A throwaway line from a CEO rarely moves an entire sector in a single afternoon. Dave Mosley managed it on Monday.

Speaking at the JPMorgan Global Technology, Media and Communications Conference, as reported by Benzinga, the Seagate Technology (STX) chief was asked a simple question: would the company build new factories to chase soaring AI storage demand?

His answer rattled the room. New plants "would just take too long," he said, and could leave Seagate with more capacity than it needs.

That single comment dragged down the whole memory group, pulling Micron (MU), Western Digital (WDC), and SanDisk (SNDK) lower with it.

It leaves the stock with one debate it cannot dodge, and a high-stakes earnings report waiting just over the horizon.

 Dave Mosley's warning that new factories "would just take too long" underscores Wall Street's unease over whether AI storage demand is outrunning supply.
Dave Mosley's warning that new factories "would just take too long" underscores Wall Street's unease over whether AI storage demand is outrunning supply.

Photo by SOPA Images on Getty Images

How far Seagate stock fell after the Mosley warning

Seagate shares closed Friday at $795.47, within striking distance of their all-time high.

Then Monday hit. The stock dropped as much as 7.5% intraday, touching a low near $723 before steadying, according to Investing.com.

It clawed back some ground by midweek, closing Wednesday at $751.07, up 2.42% on the day.

Add it up, and STX sits roughly 6% below its pre-warning level, and about 10% under the $834.01 record close it set on May 11.

More memory and AI stocks:

The selling spread fast. Western Digital and SanDisk both fell alongside Seagate, with Western Digital trading 4.5% lower and SanDisk down 2.5% at one point.

When one storage CEO says he can't build fast enough, the market reads it as a sector-wide ceiling.

What Mosley actually said about wafer lead times

Here is the part that spooked investors. Mosley explained that Seagate's recording head wafers now carry lead times ofmore than nine months, with finished drives taking another quarter on top of that, Yahoo Finance reported.

A recording head wafer is the precision component that lets a drive read and write data, and it sits at the very start of a long build cycle.

Related: Seagate adds $15B in market cap on surprise news

So the company runs a build-to-order model, giving it visibility only four to five quarters out.

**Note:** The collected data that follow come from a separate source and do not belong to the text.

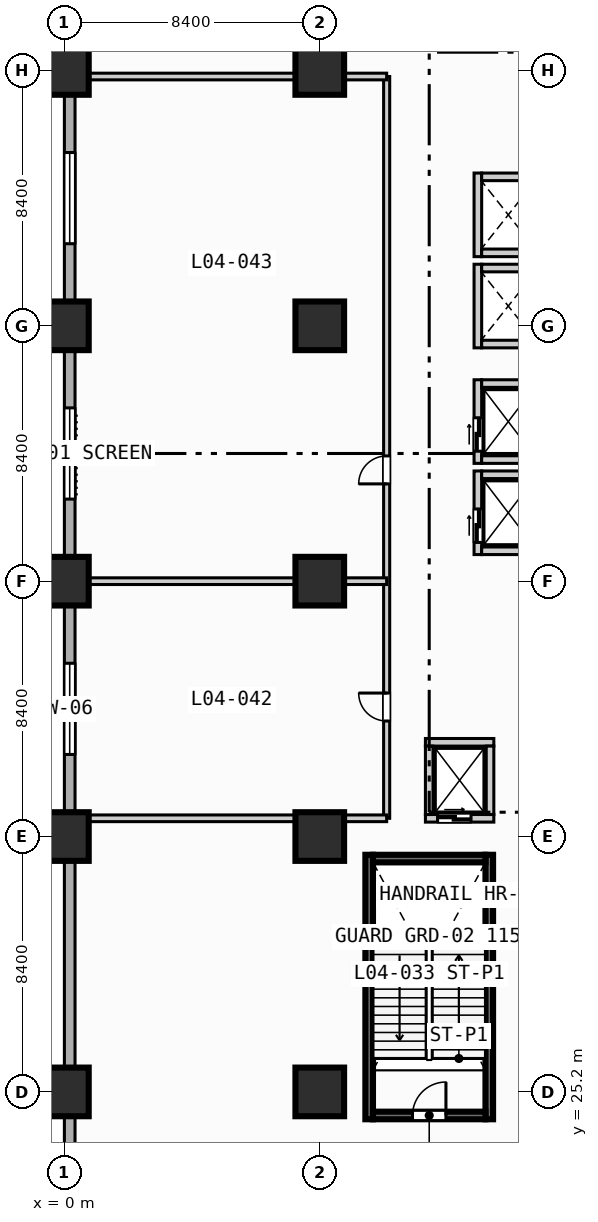
"""IFC4 building model, lengths in metres.
Left out: names, types, materials, properties, quantities, classifications, styles, units other than length and angle.
Written with IfcOpenShell. Run it as: python <this file> out.ifc"""

import sys

from ifc_helpers import new_model, si_unit, direction, frame, frame_2d, origin, origin_2d, place, context, subcontext, project, spatial, rectangle, extrude, element, fill, save


model = new_model("IFC4")
c1 = context("Model", 3, precision=1e-05, world=origin(), true_north=direction((0.0, 1.0)))
c2 = subcontext(c1, "Body", "Model", "MODEL_VIEW")
j1 = project(units=[si_unit("LENGTHUNIT", "METRE"), si_unit("PLANEANGLEUNIT", "RADIAN")], contexts=[c1])
p1 = place(None, origin())
s1 = spatial("IfcSite", under=j1, at=p1, CompositionType="ELEMENT")
p2 = place(p1, origin())
s2 = spatial("IfcBuilding", under=s1, at=p2, CompositionType="ELEMENT")
p3 = place(p2, frame((0.0, 0.0, 20.8)))
s3 = spatial("IfcBuildingStorey", under=s2, at=p3, CompositionType="ELEMENT", Elevation=20.8)
for number, where, z_axis, x_axis in (
    (1, (10.025, 24.3, 0.0), (0.0, 0.0, 1.0), (0.0, 1.0, 0.0)),
    (2, (13.975, 24.3, 0.0), (0.0, 0.0, 1.0), (0.0, 1.0, 0.0)),
):
    element("IfcWall", number, at=place(p3, frame(where, z_axis=z_axis, x_axis=x_axis)), inside=s3, PredefinedType="SOLIDWALL", context=c2, shape_type="SweptSolid", body=[
        extrude(rectangle(XDim=8.7, YDim=0.25, at=frame_2d((4.35, 0.0))), origin(), (0.0, 0.0, 1.0), 4.75),
    ])
p4 = place(p3, frame((10.15, 32.875, 0.0), z_axis=(0.0, 0.0, 1.0), x_axis=(1.0, 0.0, 0.0)))
e3 = element("IfcWall", 3, at=p4, inside=s3, PredefinedType="SOLIDWALL", context=c2, shape_type="SweptSolid", body=[
    extrude(rectangle(XDim=3.7, YDim=0.25, at=frame_2d((1.85, 0.0))), origin(), (0.0, 0.0, 1.0), 4.75),
])
for number, where, z_axis, x_axis in (
    (4, (0.0, 25.2, 0.0), (0.0, 0.0, 1.0), (1.0, 0.0, 0.0)),
    (5, (0.0, 33.6, 0.0), (0.0, 0.0, 1.0), (1.0, 0.0, 0.0)),
    (6, (0.0, 42.0, 0.0), (0.0, 0.0, 1.0), (1.0, 0.0, 0.0)),
    (7, (0.0, 50.4, 0.0), (0.0, 0.0, 1.0), (1.0, 0.0, 0.0)),
    (8, (0.0, 58.8, 0.0), (0.0, 0.0, 1.0), (1.0, 0.0, 0.0)),
    (9, (8.4, 25.2, 0.0), (0.0, 0.0, 1.0), (1.0, 0.0, 0.0)),
    (10, (8.4, 33.6, 0.0), (0.0, 0.0, 1.0), (1.0, 0.0, 0.0)),
    (11, (8.4, 42.0, 0.0), (0.0, 0.0, 1.0), (1.0, 0.0, 0.0)),
    (12, (8.4, 50.4, 0.0), (0.0, 0.0, 1.0), (1.0, 0.0, 0.0)),
    (13, (8.4, 58.8, 0.0), (0.0, 0.0, 1.0), (1.0, 0.0, 0.0)),
):
    element("IfcColumn", number, at=place(p3, frame(where, z_axis=z_axis, x_axis=x_axis)), inside=s3, PredefinedType="COLUMN", context=c2, shape_type="SweptSolid", body=[
        extrude(rectangle(XDim=1.6, YDim=1.6, at=origin_2d()), origin(), (0.0, 0.0, 1.0), 5.2),
    ])
p5 = place(p3, frame((0.175, 3.175, 0.0), z_axis=(0.0, 0.0, 1.0), x_axis=(0.0, 1.0, 0.0)))
e14 = element("IfcWall", 14, at=p5, inside=s3, PredefinedType="STANDARD", context=c2, shape_type="SweptSolid", body=[
    extrude(rectangle(XDim=86.05, YDim=0.35, at=frame_2d((43.025, 0.0))), origin(), (0.0, 0.0, 1.0), 4.75),
])
p6 = place(p5, frame((33.125, 0.0, 0.85)))
e15 = element("IfcOpeningElement", 15, at=p6, cuts=e14, PredefinedType="OPENING", context=c2, shape_type="SweptSolid", body=[
    extrude(rectangle(XDim=3.0, YDim=2.4, at=frame_2d((1.5, 1.2))), frame((0.0, 0.185, 0.0), z_axis=(0.0, -1.0, 0.0), x_axis=(1.0, 0.0, 0.0)), (0.0, 0.0, 1.0), 0.37),
])
p7 = place(p5, frame((41.525, 0.0, 0.85)))
e16 = element("IfcOpeningElement", 16, at=p7, cuts=e14, PredefinedType="OPENING", context=c2, shape_type="SweptSolid", body=[
    extrude(rectangle(XDim=3.0, YDim=2.4, at=frame_2d((1.5, 1.2))), frame((0.0, 0.185, 0.0), z_axis=(0.0, -1.0, 0.0), x_axis=(1.0, 0.0, 0.0)), (0.0, 0.0, 1.0), 0.37),
])
p8 = place(p5, frame((49.925, 0.0, 0.85)))
e17 = element("IfcOpeningElement", 17, at=p8, cuts=e14, PredefinedType="OPENING", context=c2, shape_type="SweptSolid", body=[
    extrude(rectangle(XDim=3.0, YDim=2.4, at=frame_2d((1.5, 1.2))), frame((0.0, 0.185, 0.0), z_axis=(0.0, -1.0, 0.0), x_axis=(1.0, 0.0, 0.0)), (0.0, 0.0, 1.0), 0.37),
])
p9 = place(p5, frame((66.725, 0.0, 0.85)))
e18 = element("IfcOpeningElement", 18, at=p9, cuts=e14, PredefinedType="OPENING", context=c2, shape_type="SweptSolid", body=[
    extrude(rectangle(XDim=3.0, YDim=2.4, at=frame_2d((1.5, 1.2))), frame((0.0, 0.185, 0.0), z_axis=(0.0, -1.0, 0.0), x_axis=(1.0, 0.0, 0.0)), (0.0, 0.0, 1.0), 0.37),
])
p10 = place(p5, frame((75.125, 0.0, 0.85)))
e19 = element("IfcOpeningElement", 19, at=p10, cuts=e14, PredefinedType="OPENING", context=c2, shape_type="SweptSolid", body=[
    extrude(rectangle(XDim=3.0, YDim=2.4, at=frame_2d((1.5, 1.2))), frame((0.0, 0.185, 0.0), z_axis=(0.0, -1.0, 0.0), x_axis=(1.0, 0.0, 0.0)), (0.0, 0.0, 1.0), 0.37),
])
p11 = place(p3, frame((11.875, 34.2, 0.0), z_axis=(0.0, 0.0, 1.0), x_axis=(1.0, 0.0, 0.0)))
e20 = element("IfcWall", 20, at=p11, inside=s3, PredefinedType="SOLIDWALL", context=c2, shape_type="SweptSolid", body=[
    extrude(rectangle(XDim=2.25, YDim=0.25, at=frame_2d((1.125, 0.0))), origin(), (0.0, 0.0, 1.0), 4.75),
])
p12 = place(p11, frame((0.4, 0.0, 0.0)))
e21 = element("IfcOpeningElement", 21, at=p12, cuts=e20, PredefinedType="OPENING", context=c2, shape_type="SweptSolid", body=[
    extrude(rectangle(XDim=1.1, YDim=2.15, at=frame_2d((0.55, 1.075))), frame((0.0, 0.135, 0.0), z_axis=(0.0, -1.0, 0.0), x_axis=(1.0, 0.0, 0.0)), (0.0, 0.0, 1.0), 0.27),
])
for number, where, z_axis, x_axis in (
    (22, (11.875, 36.7, 0.0), (0.0, 0.0, 1.0), (1.0, 0.0, 0.0)),
    (23, (12.0, 34.325, 0.0), (0.0, 0.0, 1.0), (0.0, 1.0, 0.0)),
    (24, (14.0, 34.325, 0.0), (0.0, 0.0, 1.0), (0.0, 1.0, 0.0)),
):
    element("IfcWall", number, at=place(p3, frame(where, z_axis=z_axis, x_axis=x_axis)), inside=s3, PredefinedType="SOLIDWALL", context=c2, shape_type="SweptSolid", body=[
        extrude(rectangle(XDim=2.25, YDim=0.25, at=frame_2d((1.125, 0.0))), origin(), (0.0, 0.0, 1.0), 4.75),
    ])
p13 = place(p3, frame((13.6, 42.875, 0.0), z_axis=(0.0, 0.0, 1.0), x_axis=(0.0, 1.0, 0.0)))
e25 = element("IfcWall", 25, at=p13, inside=s3, PredefinedType="SOLIDWALL", context=c2, shape_type="SweptSolid", body=[
    extrude(rectangle(XDim=2.75, YDim=0.25, at=frame_2d((1.375, 0.0))), origin(), (0.0, 0.0, 1.0), 4.75),
])
p14 = place(p13, frame((0.4, 0.0, 0.0)))
e26 = element("IfcOpeningElement", 26, at=p14, cuts=e25, PredefinedType="OPENING", context=c2, shape_type="SweptSolid", body=[
    extrude(rectangle(XDim=1.1, YDim=2.15, at=frame_2d((0.55, 1.075))), frame((0.0, 0.135, 0.0), z_axis=(0.0, -1.0, 0.0), x_axis=(1.0, 0.0, 0.0)), (0.0, 0.0, 1.0), 0.27),
])
for number, where, z_axis, x_axis in (
    (27, (13.725, 43.0, 0.0), (0.0, 0.0, 1.0), (1.0, 0.0, 0.0)),
    (28, (13.725, 45.5, 0.0), (0.0, 0.0, 1.0), (1.0, 0.0, 0.0)),
):
    element("IfcWall", number, at=place(p3, frame(where, z_axis=z_axis, x_axis=x_axis)), inside=s3, PredefinedType="SOLIDWALL", context=c2, shape_type="SweptSolid", body=[
        extrude(rectangle(XDim=1.75, YDim=0.25, at=frame_2d((0.875, 0.0))), origin(), (0.0, 0.0, 1.0), 4.75),
    ])
p15 = place(p3, frame((13.6, 45.875, 0.0), z_axis=(0.0, 0.0, 1.0), x_axis=(0.0, 1.0, 0.0)))
e29 = element("IfcWall", 29, at=p15, inside=s3, PredefinedType="SOLIDWALL", context=c2, shape_type="SweptSolid", body=[
    extrude(rectangle(XDim=2.75, YDim=0.25, at=frame_2d((1.375, 0.0))), origin(), (0.0, 0.0, 1.0), 4.75),
])
p16 = place(p15, frame((0.4, 0.0, 0.0)))
e30 = element("IfcOpeningElement", 30, at=p16, cuts=e29, PredefinedType="OPENING", context=c2, shape_type="SweptSolid", body=[
    extrude(rectangle(XDim=1.1, YDim=2.15, at=frame_2d((0.55, 1.075))), frame((0.0, 0.135, 0.0), z_axis=(0.0, -1.0, 0.0), x_axis=(1.0, 0.0, 0.0)), (0.0, 0.0, 1.0), 0.27),
])
for number, where, z_axis, x_axis in (
    (31, (13.725, 46.0, 0.0), (0.0, 0.0, 1.0), (1.0, 0.0, 0.0)),
    (32, (13.725, 48.5, 0.0), (0.0, 0.0, 1.0), (1.0, 0.0, 0.0)),
):
    element("IfcWall", number, at=place(p3, frame(where, z_axis=z_axis, x_axis=x_axis)), inside=s3, PredefinedType="SOLIDWALL", context=c2, shape_type="SweptSolid", body=[
        extrude(rectangle(XDim=1.75, YDim=0.25, at=frame_2d((0.875, 0.0))), origin(), (0.0, 0.0, 1.0), 4.75),
    ])
p17 = place(p3, frame((13.6, 49.675, 0.0), z_axis=(0.0, 0.0, 1.0), x_axis=(0.0, 1.0, 0.0)))
e33 = element("IfcWall", 33, at=p17, inside=s3, PredefinedType="SOLIDWALL", context=c2, shape_type="SweptSolid", body=[
    extrude(rectangle(XDim=2.75, YDim=0.25, at=frame_2d((1.375, 0.0))), origin(), (0.0, 0.0, 1.0), 4.75),
])
for number, where, z_axis, x_axis in (
    (34, (13.725, 49.8, 0.0), (0.0, 0.0, 1.0), (1.0, 0.0, 0.0)),
    (35, (13.725, 52.3, 0.0), (0.0, 0.0, 1.0), (1.0, 0.0, 0.0)),
):
    element("IfcWall", number, at=place(p3, frame(where, z_axis=z_axis, x_axis=x_axis)), inside=s3, PredefinedType="SOLIDWALL", context=c2, shape_type="SweptSolid", body=[
        extrude(rectangle(XDim=1.75, YDim=0.25, at=frame_2d((0.875, 0.0))), origin(), (0.0, 0.0, 1.0), 4.75),
    ])
p18 = place(p3, frame((13.6, 52.675, 0.0), z_axis=(0.0, 0.0, 1.0), x_axis=(0.0, 1.0, 0.0)))
e36 = element("IfcWall", 36, at=p18, inside=s3, PredefinedType="SOLIDWALL", context=c2, shape_type="SweptSolid", body=[
    extrude(rectangle(XDim=2.75, YDim=0.25, at=frame_2d((1.375, 0.0))), origin(), (0.0, 0.0, 1.0), 4.75),
])
for number, where, z_axis, x_axis in (
    (37, (13.725, 52.8, 0.0), (0.0, 0.0, 1.0), (1.0, 0.0, 0.0)),
    (38, (13.725, 55.3, 0.0), (0.0, 0.0, 1.0), (1.0, 0.0, 0.0)),
):
    element("IfcWall", number, at=place(p3, frame(where, z_axis=z_axis, x_axis=x_axis)), inside=s3, PredefinedType="SOLIDWALL", context=c2, shape_type="SweptSolid", body=[
        extrude(rectangle(XDim=1.75, YDim=0.25, at=frame_2d((0.875, 0.0))), origin(), (0.0, 0.0, 1.0), 4.75),
    ])
p19 = place(p3, frame((10.15, 24.425, 0.0), z_axis=(0.0, 0.0, 1.0), x_axis=(1.0, 0.0, 0.0)))
e39 = element("IfcWall", 39, at=p19, inside=s3, PredefinedType="SOLIDWALL", context=c2, shape_type="SweptSolid", body=[
    extrude(rectangle(XDim=3.7, YDim=0.25, at=frame_2d((1.85, 0.0))), origin(), (0.0, 0.0, 1.0), 4.75),
])
p20 = place(p19, frame((1.3, 0.0, 0.0)))
e40 = element("IfcOpeningElement", 40, at=p20, cuts=e39, PredefinedType="OPENING", context=c2, shape_type="SweptSolid", body=[
    extrude(rectangle(XDim=1.1, YDim=2.15, at=frame_2d((0.55, 1.075))), frame((0.0, 0.135, 0.0), z_axis=(0.0, -1.0, 0.0), x_axis=(1.0, 0.0, 0.0)), (0.0, 0.0, 1.0), 0.27),
])
p21 = place(p3, frame((10.6, 34.2, 0.0), z_axis=(0.0, 0.0, 1.0), x_axis=(0.0, 1.0, 0.0)))
e41 = element("IfcWall", 41, at=p21, inside=s3, PredefinedType="PARTITIONING", context=c2, shape_type="SweptSolid", body=[
    extrude(rectangle(XDim=24.4, YDim=0.2, at=frame_2d((12.2, 0.0))), origin(), (0.0, 0.0, 1.0), 4.75),
])
p22 = place(p21, frame((3.2, 0.0, 0.0)))
e42 = element("IfcOpeningElement", 42, at=p22, cuts=e41, PredefinedType="OPENING", context=c2, shape_type="SweptSolid", body=[
    extrude(rectangle(XDim=0.92, YDim=2.1, at=frame_2d((0.46, 1.05))), frame((0.0, 0.11, 0.0), z_axis=(0.0, -1.0, 0.0), x_axis=(1.0, 0.0, 0.0)), (0.0, 0.0, 1.0), 0.22),
])
p23 = place(p21, frame((11.0, 0.0, 0.0)))
e43 = element("IfcOpeningElement", 43, at=p23, cuts=e41, PredefinedType="OPENING", context=c2, shape_type="SweptSolid", body=[
    extrude(rectangle(XDim=0.92, YDim=2.1, at=frame_2d((0.46, 1.05))), frame((0.0, 0.11, 0.0), z_axis=(0.0, -1.0, 0.0), x_axis=(1.0, 0.0, 0.0)), (0.0, 0.0, 1.0), 0.22),
])
p24 = place(p3, frame((0.35, 34.2, 0.0), z_axis=(0.0, 0.0, 1.0), x_axis=(1.0, 0.0, 0.0)))
e44 = element("IfcWall", 44, at=p24, inside=s3, PredefinedType="PARTITIONING", context=c2, shape_type="SweptSolid", body=[
    extrude(rectangle(XDim=10.25, YDim=0.22, at=frame_2d((5.125, 0.0))), origin(), (0.0, 0.0, 1.0), 4.75),
])
for number, where, z_axis, x_axis in (
    (45, (0.35, 42.0, 0.0), (0.0, 0.0, 1.0), (1.0, 0.0, 0.0)),
    (46, (0.35, 58.6, 0.0), (0.0, 0.0, 1.0), (1.0, 0.0, 0.0)),
):
    element("IfcWall", number, at=place(p3, frame(where, z_axis=z_axis, x_axis=x_axis)), inside=s3, PredefinedType="PARTITIONING", context=c2, shape_type="SweptSolid", body=[
        extrude(rectangle(XDim=10.25, YDim=0.22, at=frame_2d((5.125, 0.0))), origin(), (0.0, 0.0, 1.0), 3.9),
    ])
p25 = place(p6, origin())
e47 = element("IfcWindow", 47, at=p25, inside=s3, PartitioningType="SINGLE_PANEL", PredefinedType="WINDOW", context=c2, shape_type="SweptSolid", body=[
    extrude(rectangle(XDim=3.0, YDim=2.4, at=frame_2d((1.5, 1.2))), frame((0.0, 0.03, 0.0), z_axis=(0.0, -1.0, 0.0), x_axis=(1.0, 0.0, 0.0)), (0.0, 0.0, 1.0), 0.06),
])
fill(e15, e47)
p26 = place(p7, origin())
e48 = element("IfcWindow", 48, at=p26, inside=s3, PartitioningType="SINGLE_PANEL", PredefinedType="WINDOW", context=c2, shape_type="SweptSolid", body=[
    extrude(rectangle(XDim=3.0, YDim=2.4, at=frame_2d((1.5, 1.2))), frame((0.0, 0.03, 0.0), z_axis=(0.0, -1.0, 0.0), x_axis=(1.0, 0.0, 0.0)), (0.0, 0.0, 1.0), 0.06),
])
fill(e16, e48)
p27 = place(p8, origin())
e49 = element("IfcWindow", 49, at=p27, inside=s3, PartitioningType="SINGLE_PANEL", PredefinedType="WINDOW", context=c2, shape_type="SweptSolid", body=[
    extrude(rectangle(XDim=3.0, YDim=2.4, at=frame_2d((1.5, 1.2))), frame((0.0, 0.03, 0.0), z_axis=(0.0, -1.0, 0.0), x_axis=(1.0, 0.0, 0.0)), (0.0, 0.0, 1.0), 0.06),
])
fill(e17, e49)
p28 = place(p12, origin())
e50 = element("IfcDoor", 50, at=p28, inside=s3, OperationType="SLIDING_TO_LEFT", PredefinedType="DOOR", context=c2, shape_type="SweptSolid", body=[
    extrude(rectangle(XDim=1.1, YDim=2.15, at=frame_2d((0.55, 1.075))), frame((0.0, 0.025, 0.0), z_axis=(0.0, -1.0, 0.0), x_axis=(1.0, 0.0, 0.0)), (0.0, 0.0, 1.0), 0.05),
])
fill(e21, e50)
p29 = place(p14, origin())
e51 = element("IfcDoor", 51, at=p29, inside=s3, OperationType="SLIDING_TO_LEFT", PredefinedType="DOOR", context=c2, shape_type="SweptSolid", body=[
    extrude(rectangle(XDim=1.1, YDim=2.15, at=frame_2d((0.55, 1.075))), frame((0.0, 0.025, 0.0), z_axis=(0.0, -1.0, 0.0), x_axis=(1.0, 0.0, 0.0)), (0.0, 0.0, 1.0), 0.05),
])
fill(e26, e51)
p30 = place(p16, origin())
e52 = element("IfcDoor", 52, at=p30, inside=s3, OperationType="SLIDING_TO_LEFT", PredefinedType="DOOR", context=c2, shape_type="SweptSolid", body=[
    extrude(rectangle(XDim=1.1, YDim=2.15, at=frame_2d((0.55, 1.075))), frame((0.0, 0.025, 0.0), z_axis=(0.0, -1.0, 0.0), x_axis=(1.0, 0.0, 0.0)), (0.0, 0.0, 1.0), 0.05),
])
fill(e30, e52)
p31 = place(p20, origin())
e53 = element("IfcDoor", 53, at=p31, inside=s3, OperationType="SINGLE_SWING_RIGHT", PredefinedType="DOOR", context=c2, shape_type="SweptSolid", body=[
    extrude(rectangle(XDim=1.1, YDim=2.15, at=frame_2d((0.55, 1.075))), frame((0.0, 0.025, 0.0), z_axis=(0.0, -1.0, 0.0), x_axis=(1.0, 0.0, 0.0)), (0.0, 0.0, 1.0), 0.05),
])
fill(e40, e53)
p32 = place(p22, origin())
e54 = element("IfcDoor", 54, at=p32, inside=s3, OperationType="SINGLE_SWING_RIGHT", PredefinedType="DOOR", context=c2, shape_type="SweptSolid", body=[
    extrude(rectangle(XDim=0.92, YDim=2.1, at=frame_2d((0.46, 1.05))), frame((0.0, 0.025, 0.0), z_axis=(0.0, -1.0, 0.0), x_axis=(1.0, 0.0, 0.0)), (0.0, 0.0, 1.0), 0.05),
])
fill(e42, e54)
p33 = place(p23, origin())
e55 = element("IfcDoor", 55, at=p33, inside=s3, OperationType="SINGLE_SWING_LEFT", PredefinedType="DOOR", context=c2, shape_type="SweptSolid", body=[
    extrude(rectangle(XDim=0.92, YDim=2.1, at=frame_2d((0.46, 1.05))), frame((0.0, 0.025, 0.0), z_axis=(0.0, -1.0, 0.0), x_axis=(1.0, 0.0, 0.0)), (0.0, 0.0, 1.0), 0.05),
])
fill(e43, e55)
save(model, sys.argv[1])

"We want to keep that four or five quarters of visibility very, very solid," Mosley said, according to CNBC. "But the demand is significantly higher than that."

Diverting engineers to spin up new factories, he argued, would slow the pace of technology improvement that actually drives Seagate's margins.

While Mosley was simply making an honest comment, investors heard a leader admit that his company cannot scale fast enough to capture the AI buildout in front of it.

The supply-versus-demand debate Wall Street needs settled

This is the question now hanging over the stock: is Seagate's AI-storage boom supply-constrained or demand-constrained?

The distinction matters more than it sounds, because each path leads somewhere very different for the share price.

If growth is capped by how many drives Seagate can physically make, the upside has a ceiling that no amount of demand can lift.

If the constraint is genuine scarcity against runaway demand, then Seagate holds rare pricing power, and the bears are early.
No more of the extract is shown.